Notice that the class balance in the dataset is heavily skewed toward the "not toxic" label:

In [None]:
labels = np.array([i['label'] for i in train_dataset])
print('Percentage of "not toxic" labels in training data = {}'.format(sum(labels == 0)/len(labels)))

This is why in the training loop below we're measuring the [ROC AUC](https://en.wikipedia.org/wiki/Receiver_operating_characteristic), in addition to just the accuracy.

Now let's train!

In [None]:
n_epochs = 30
n_batch = 128

for e in range(n_epochs):
    cumulative_loss = 0
    for i in range(0, math.ceil(len(train_dataset)/n_batch)):
        data = train_dataset[n_batch*i:n_batch*(i+1)]
        graph, label = batchify_graphs(data)
        with autograd.record():
            output = model(graph)
            loss = softmax_cross_entropy(output, label)
        loss.backward()
        trainer.step(len(data))
        cumulative_loss += nd.sum(loss).asscalar()
    
    valid_accuracy = evaluate_accuracy(valid_dataset, model, n_batch)
    train_accuracy = evaluate_accuracy(train_dataset, model, n_batch)
    valid_roc = evaluate_roc_score(valid_dataset, model, n_batch)
    train_roc = evaluate_roc_score(train_dataset, model, n_batch)
    print('Epoch {}. Loss: {}, \n\tTrain_acc {}, Valid_acc {}\n\tTrain_roc_auc {}, Valid_roc_auc {}'.format(
            e, cumulative_loss/len(train_dataset), train_accuracy, valid_accuracy, train_roc, valid_roc))
    
print('Test Accuracy: {}'.format(evaluate_accuracy(test_dataset, model, n_batch)))
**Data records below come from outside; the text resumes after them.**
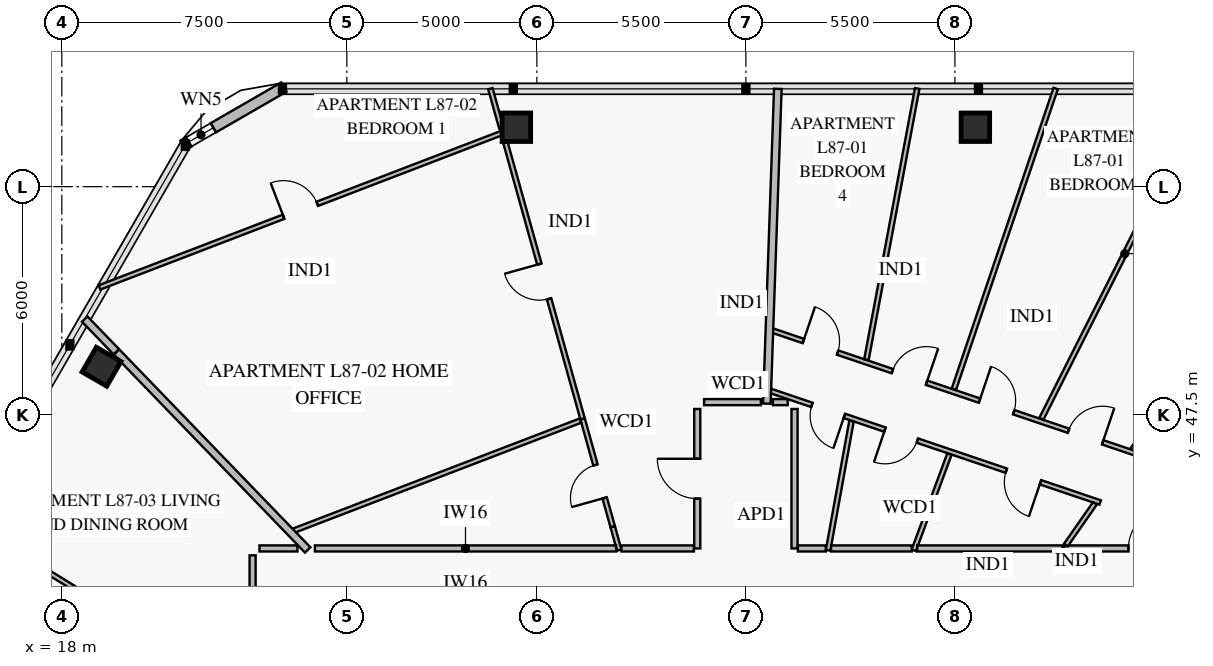
"""IFC4 building model, lengths in metres.
Left out: names, types, materials, properties, quantities, classifications, styles, units other than length and angle.
Written with IfcOpenShell. Run it as: python <this file> out.ifc"""

import sys

from ifc_helpers import new_model, si_unit, direction, frame, frame_2d, origin, origin_2d, place, context, subcontext, project, spatial, rectangle, extrude, element, fill, save


model = new_model("IFC4")
c1 = context("Model", 3, precision=1e-05, world=origin(), true_north=direction((0.0, 1.0)))
c2 = subcontext(c1, "Body", "Model", "MODEL_VIEW")
j1 = project(units=[si_unit("LENGTHUNIT", "METRE"), si_unit("PLANEANGLEUNIT", "RADIAN")], contexts=[c1])
p1 = place(None, origin())
s1 = spatial("IfcSite", under=j1, at=p1, CompositionType="ELEMENT")
p2 = place(p1, origin())
s2 = spatial("IfcBuilding", under=s1, at=p2, CompositionType="ELEMENT")
p3 = place(p2, frame((0.0, 0.0, 342.4)))
s3 = spatial("IfcBuildingStorey", under=s2, at=p3, CompositionType="ELEMENT", Elevation=342.4)
for number, where, z_axis, x_axis in (
    (1, (42.039, 55.064, 0.0), (0.0, 0.0, 1.0), (-1.0, 0.0, 0.0)),
    (2, (29.961, 55.064, 0.0), (0.0, 0.0, 1.0), (-1.0, 0.0, 0.0)),
    (3, (19.045, 48.762, 0.0), (0.0, 0.0, 1.0), (-0.5, -0.866, 0.0)),
):
    element("IfcColumn", number, at=place(p3, frame(where, z_axis=z_axis, x_axis=x_axis)), inside=s3, PredefinedType="COLUMN", context=c2, shape_type="SweptSolid", body=[
        extrude(rectangle(XDim=0.75, YDim=0.75, at=origin_2d()), origin(), (0.0, 0.0, 1.0), 3.55),
    ])
p4 = place(p3, frame((21.189, 54.589, 0.0), z_axis=(0.0, 0.0, 1.0), x_axis=(0.866023752521, 0.50000286006, 0.0)))
e4 = element("IfcWall", 4, at=p4, inside=s3, PredefinedType="SOLIDWALL", context=c2, shape_type="SweptSolid", body=[
    extrude(rectangle(XDim=3.065, YDim=0.28, at=frame_2d((1.532, 0.0))), origin(), (0.0, 0.0, 1.0), 3.55),
])
p5 = place(p4, frame((0.173, 0.0, 0.85)))
e5 = element("IfcOpeningElement", 5, at=p5, cuts=e4, PredefinedType="OPENING", context=c2, shape_type="SweptSolid", body=[
    extrude(rectangle(XDim=0.75, YDim=1.5, at=frame_2d((0.375, 0.75))), frame((0.0, 0.152, 0.0), z_axis=(0.0, -1.0, 0.0), x_axis=(1.0, 0.0, 0.0)), (0.0, 0.0, 1.0), 0.304),
])
p6 = place(p3, frame((45.323, 45.19, 0.0), z_axis=(0.0, 0.0, 1.0), x_axis=(-0.947209030083, 0.320616676625, 0.0)))
e6 = element("IfcWall", 6, at=p6, inside=s3, PredefinedType="PARTITIONING", context=c2, shape_type="SweptSolid", body=[
    extrude(rectangle(XDim=9.205, YDim=0.12, at=frame_2d((4.602, 0.0))), origin(), (0.0, 0.0, 1.0), 3.0),
])
p7 = place(p6, frame((1.659, 0.0, 0.0)))
e7 = element("IfcOpeningElement", 7, at=p7, cuts=e6, PredefinedType="OPENING", context=c2, shape_type="SweptSolid", body=[
    extrude(rectangle(XDim=0.95, YDim=2.1, at=frame_2d((0.475, 1.05))), frame((0.0, 0.072, 0.0), z_axis=(0.0, -1.0, 0.0), x_axis=(1.0, 0.0, 0.0)), (0.0, 0.0, 1.0), 0.144),
])
p8 = place(p6, frame((5.08, 0.0, 0.0)))
e8 = element("IfcOpeningElement", 8, at=p8, cuts=e6, PredefinedType="OPENING", context=c2, shape_type="SweptSolid", body=[
    extrude(rectangle(XDim=0.9, YDim=2.1, at=frame_2d((0.45, 1.05))), frame((0.0, 0.072, 0.0), z_axis=(0.0, -1.0, 0.0), x_axis=(1.0, 0.0, 0.0)), (0.0, 0.0, 1.0), 0.144),
])
p9 = place(p6, frame((7.107, 0.0, 0.0)))
e9 = element("IfcOpeningElement", 9, at=p9, cuts=e6, PredefinedType="OPENING", context=c2, shape_type="SweptSolid", body=[
    extrude(rectangle(XDim=0.9, YDim=2.1, at=frame_2d((0.45, 1.05))), frame((0.0, 0.072, 0.0), z_axis=(0.0, -1.0, 0.0), x_axis=(1.0, 0.0, 0.0)), (0.0, 0.0, 1.0), 0.144),
])
p10 = place(p3, frame((46.229, 46.488, 0.0), z_axis=(0.0, 0.0, 1.0), x_axis=(-0.947206471438, 0.320624235618, 0.0)))
e10 = element("IfcWall", 10, at=p10, inside=s3, PredefinedType="PARTITIONING", context=c2, shape_type="SweptSolid", body=[
    extrude(rectangle(XDim=10.088, YDim=0.12, at=frame_2d((5.044, 0.0))), origin(), (0.0, 0.0, 1.0), 3.0),
])
p11 = place(p10, frame((0.887, 0.0, 0.0)))
e11 = element("IfcOpeningElement", 11, at=p11, cuts=e10, PredefinedType="OPENING", context=c2, shape_type="SweptSolid", body=[
    extrude(rectangle(XDim=0.95, YDim=2.1, at=frame_2d((0.475, 1.05))), frame((0.0, 0.072, 0.0), z_axis=(0.0, -1.0, 0.0), x_axis=(1.0, 0.0, 0.0)), (0.0, 0.0, 1.0), 0.144),
])
p12 = place(p10, frame((3.358, 0.0, 0.0)))
e12 = element("IfcOpeningElement", 12, at=p12, cuts=e10, PredefinedType="OPENING", context=c2, shape_type="SweptSolid", body=[
    extrude(rectangle(XDim=0.95, YDim=2.1, at=frame_2d((0.475, 1.05))), frame((0.0, 0.072, 0.0), z_axis=(0.0, -1.0, 0.0), x_axis=(1.0, 0.0, 0.0)), (0.0, 0.0, 1.0), 0.144),
])
p13 = place(p10, frame((5.779, 0.0, 0.0)))
e13 = element("IfcOpeningElement", 13, at=p13, cuts=e10, PredefinedType="OPENING", context=c2, shape_type="SweptSolid", body=[
    extrude(rectangle(XDim=0.95, YDim=2.1, at=frame_2d((0.475, 1.05))), frame((0.0, 0.072, 0.0), z_axis=(0.0, -1.0, 0.0), x_axis=(1.0, 0.0, 0.0)), (0.0, 0.0, 1.0), 0.144),
])
p14 = place(p10, frame((8.251, 0.0, 0.0)))
e14 = element("IfcOpeningElement", 14, at=p14, cuts=e10, PredefinedType="OPENING", context=c2, shape_type="SweptSolid", body=[
    extrude(rectangle(XDim=0.95, YDim=2.1, at=frame_2d((0.475, 1.05))), frame((0.0, 0.072, 0.0), z_axis=(0.0, -1.0, 0.0), x_axis=(1.0, 0.0, 0.0)), (0.0, 0.0, 1.0), 0.144),
])
p15 = place(p3, frame((48.799, 43.98, 0.0), z_axis=(0.0, 0.0, 1.0), x_axis=(-1.0, 0.0, 0.0)))
e15 = element("IfcWall", 15, at=p15, inside=s3, PredefinedType="PARTITIONING", context=c2, shape_type="SweptSolid", body=[
    extrude(rectangle(XDim=4.418, YDim=0.16, at=frame_2d((2.209, 0.0))), origin(), (0.0, 0.0, 1.0), 3.0),
])
p16 = place(p15, frame((1.684, 0.0, 0.0)))
e16 = element("IfcOpeningElement", 16, at=p16, cuts=e15, PredefinedType="OPENING", context=c2, shape_type="SweptSolid", body=[
    extrude(rectangle(XDim=1.05, YDim=2.15, at=frame_2d((0.525, 1.075))), frame((0.0, 0.092, 0.0), z_axis=(0.0, -1.0, 0.0), x_axis=(1.0, 0.0, 0.0)), (0.0, 0.0, 1.0), 0.184),
])
p17 = place(p3, frame((32.496, 44.55, 0.0), z_axis=(0.0, 0.0, 1.0), x_axis=(-0.268945369645, 0.963155433015, 0.0)))
e17 = element("IfcWall", 17, at=p17, inside=s3, PredefinedType="PARTITIONING", context=c2, shape_type="SweptSolid", body=[
    extrude(rectangle(XDim=2.95, YDim=0.12, at=frame_2d((1.475, 0.0))), origin(), (0.0, 0.0, 1.0), 3.0),
])
p18 = place(p17, frame((0.789, 0.0, 0.0)))
e18 = element("IfcOpeningElement", 18, at=p18, cuts=e17, PredefinedType="OPENING", context=c2, shape_type="SweptSolid", body=[
    extrude(rectangle(XDim=0.9, YDim=2.1, at=frame_2d((0.45, 1.05))), frame((0.0, 0.072, 0.0), z_axis=(0.0, -1.0, 0.0), x_axis=(1.0, 0.0, 0.0)), (0.0, 0.0, 1.0), 0.144),
])
p19 = place(p3, frame((31.702, 47.392, 0.0), z_axis=(0.0, 0.0, 1.0), x_axis=(-0.268895171006, 0.963169448752, 0.0)))
e19 = element("IfcWall", 19, at=p19, inside=s3, PredefinedType="PARTITIONING", context=c2, shape_type="SweptSolid", body=[
    extrude(rectangle(XDim=7.556, YDim=0.12, at=frame_2d((3.778, 0.0))), origin(), (0.0, 0.0, 1.0), 3.55),
])
p20 = place(p19, frame((3.278, 0.0, 0.0)))
e20 = element("IfcOpeningElement", 20, at=p20, cuts=e19, PredefinedType="OPENING", context=c2, shape_type="SweptSolid", body=[
    extrude(rectangle(XDim=0.95, YDim=2.1, at=frame_2d((0.475, 1.05))), frame((0.0, 0.072, 0.0), z_axis=(0.0, -1.0, 0.0), x_axis=(1.0, 0.0, 0.0)), (0.0, 0.0, 1.0), 0.144),
])
p21 = place(p3, frame((29.566, 54.908, 0.0), z_axis=(0.0, 0.0, 1.0), x_axis=(-0.933585379148, -0.358355047184, 0.0)))
e21 = element("IfcWall", 21, at=p21, inside=s3, PredefinedType="PARTITIONING", context=c2, shape_type="SweptSolid", body=[
    extrude(rectangle(XDim=11.327, YDim=0.12, at=frame_2d((5.664, 0.0))), origin(), (0.0, 0.0, 1.0), 2.97),
])
p22 = place(p21, frame((5.188, 0.0, 0.0)))
e22 = element("IfcOpeningElement", 22, at=p22, cuts=e21, PredefinedType="OPENING", context=c2, shape_type="SweptSolid", body=[
    extrude(rectangle(XDim=0.95, YDim=2.1, at=frame_2d((0.475, 1.05))), frame((0.0, 0.072, 0.0), z_axis=(0.0, -1.0, 0.0), x_axis=(1.0, 0.0, 0.0)), (0.0, 0.0, 1.0), 0.144),
])
p23 = place(p3, frame((34.72, 47.65, 0.0), z_axis=(0.0, 0.0, 1.0), x_axis=(0.0, -1.0, 0.0)))
e23 = element("IfcWall", 23, at=p23, inside=s3, PredefinedType="PARTITIONING", context=c2, shape_type="SweptSolid", body=[
    extrude(rectangle(XDim=3.67, YDim=0.16, at=frame_2d((1.835, 0.0))), origin(), (0.0, 0.0, 1.0), 3.55),
])
p24 = place(p23, frame((1.31, 0.0, 0.0)))
e24 = element("IfcOpeningElement", 24, at=p24, cuts=e23, PredefinedType="OPENING", context=c2, shape_type="SweptSolid", body=[
    extrude(rectangle(XDim=1.05, YDim=2.15, at=frame_2d((0.525, 1.075))), frame((0.0, 0.092, 0.0), z_axis=(0.0, -1.0, 0.0), x_axis=(1.0, 0.0, 0.0)), (0.0, 0.0, 1.0), 0.184),
])
p25 = place(p3, frame((23.02, 43.799, 0.0), z_axis=(0.0, 0.0, 1.0), x_axis=(0.0, -1.0, 0.0)))
e25 = element("IfcWall", 25, at=p25, inside=s3, PredefinedType="PARTITIONING", context=c2, shape_type="SweptSolid", body=[
    extrude(rectangle(XDim=3.747, YDim=0.16, at=frame_2d((1.873, 0.0))), origin(), (0.0, 0.0, 1.0), 3.55),
])
p26 = place(p25, frame((1.348, 0.0, 0.0)))
e26 = element("IfcOpeningElement", 26, at=p26, cuts=e25, PredefinedType="OPENING", context=c2, shape_type="SweptSolid", body=[
    extrude(rectangle(XDim=1.05, YDim=2.15, at=frame_2d((0.525, 1.075))), frame((0.0, 0.092, 0.0), z_axis=(0.0, -1.0, 0.0), x_axis=(1.0, 0.0, 0.0)), (0.0, 0.0, 1.0), 0.184),
])
p27 = place(p3, frame((40.418, 43.93, 0.0), z_axis=(0.0, 0.0, 1.0), x_axis=(0.347234815936, 0.937778216105, 0.0)))
e27 = element("IfcWall", 27, at=p27, inside=s3, PredefinedType="PARTITIONING", context=c2, shape_type="SweptSolid", body=[
    extrude(rectangle(XDim=2.699, YDim=0.12, at=frame_2d((1.35, 0.0))), origin(), (0.0, 0.0, 1.0), 3.55),
])
p28 = place(p3, frame((38.163, 43.93, 0.0), z_axis=(0.0, 0.0, 1.0), x_axis=(0.178394636556, 0.983959020309, 0.0)))
e28 = element("IfcWall", 28, at=p28, inside=s3, PredefinedType="PARTITIONING", context=c2, shape_type="SweptSolid", body=[
    extrude(rectangle(XDim=3.458, YDim=0.12, at=frame_2d((1.729, 0.0))), origin(), (0.0, 0.0, 1.0), 3.55),
])
p29 = place(p3, frame((43.774, 47.39, 0.0), z_axis=(0.0, 0.0, 1.0), x_axis=(0.450869548037, 0.892589855787, 0.0)))
e29 = element("IfcWall", 29, at=p29, inside=s3, PredefinedType="PARTITIONING", context=c2, shape_type="SweptSolid", body=[
    extrude(rectangle(XDim=9.74, YDim=0.12, at=frame_2d((4.87, 0.0))), origin(), (0.0, 0.0, 1.0), 2.97),
])
p30 = place(p3, frame((41.473, 48.169, 0.0), z_axis=(0.0, 0.0, 1.0), x_axis=(0.32064215142, 0.947200406848, 0.0)))
e30 = element("IfcWall", 30, at=p30, inside=s3, PredefinedType="PARTITIONING", context=c2, shape_type="SweptSolid", body=[
    extrude(rectangle(XDim=8.356, YDim=0.12, at=frame_2d((4.178, 0.0))), origin(), (0.0, 0.0, 1.0), 2.97),
])
p31 = place(p3, frame((39.172, 48.948, 0.0), z_axis=(0.0, 0.0, 1.0), x_axis=(0.183929112918, 0.982939510561, 0.0)))
e31 = element("IfcWall", 31, at=p31, inside=s3, PredefinedType="PARTITIONING", context=c2, shape_type="SweptSolid", body=[
    extrude(rectangle(XDim=7.259, YDim=0.12, at=frame_2d((3.63, 0.0))), origin(), (0.0, 0.0, 1.0), 2.97),
])
p32 = place(p3, frame((44.419, 44.068, 0.0), z_axis=(0.0, 0.0, 1.0), x_axis=(0.572224421866, 0.820097074144, 0.0)))
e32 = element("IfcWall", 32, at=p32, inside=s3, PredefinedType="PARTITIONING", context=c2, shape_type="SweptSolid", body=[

Alright!  Unsurprisingly, given the class imbalance, our accuracy didn't improve much; but our ROC score got much better, in line with the current state of the art on this dataset: see the physiology section [here](http://moleculenet.ai/latest-results).

Now go forth and invent your own types of MPNNs!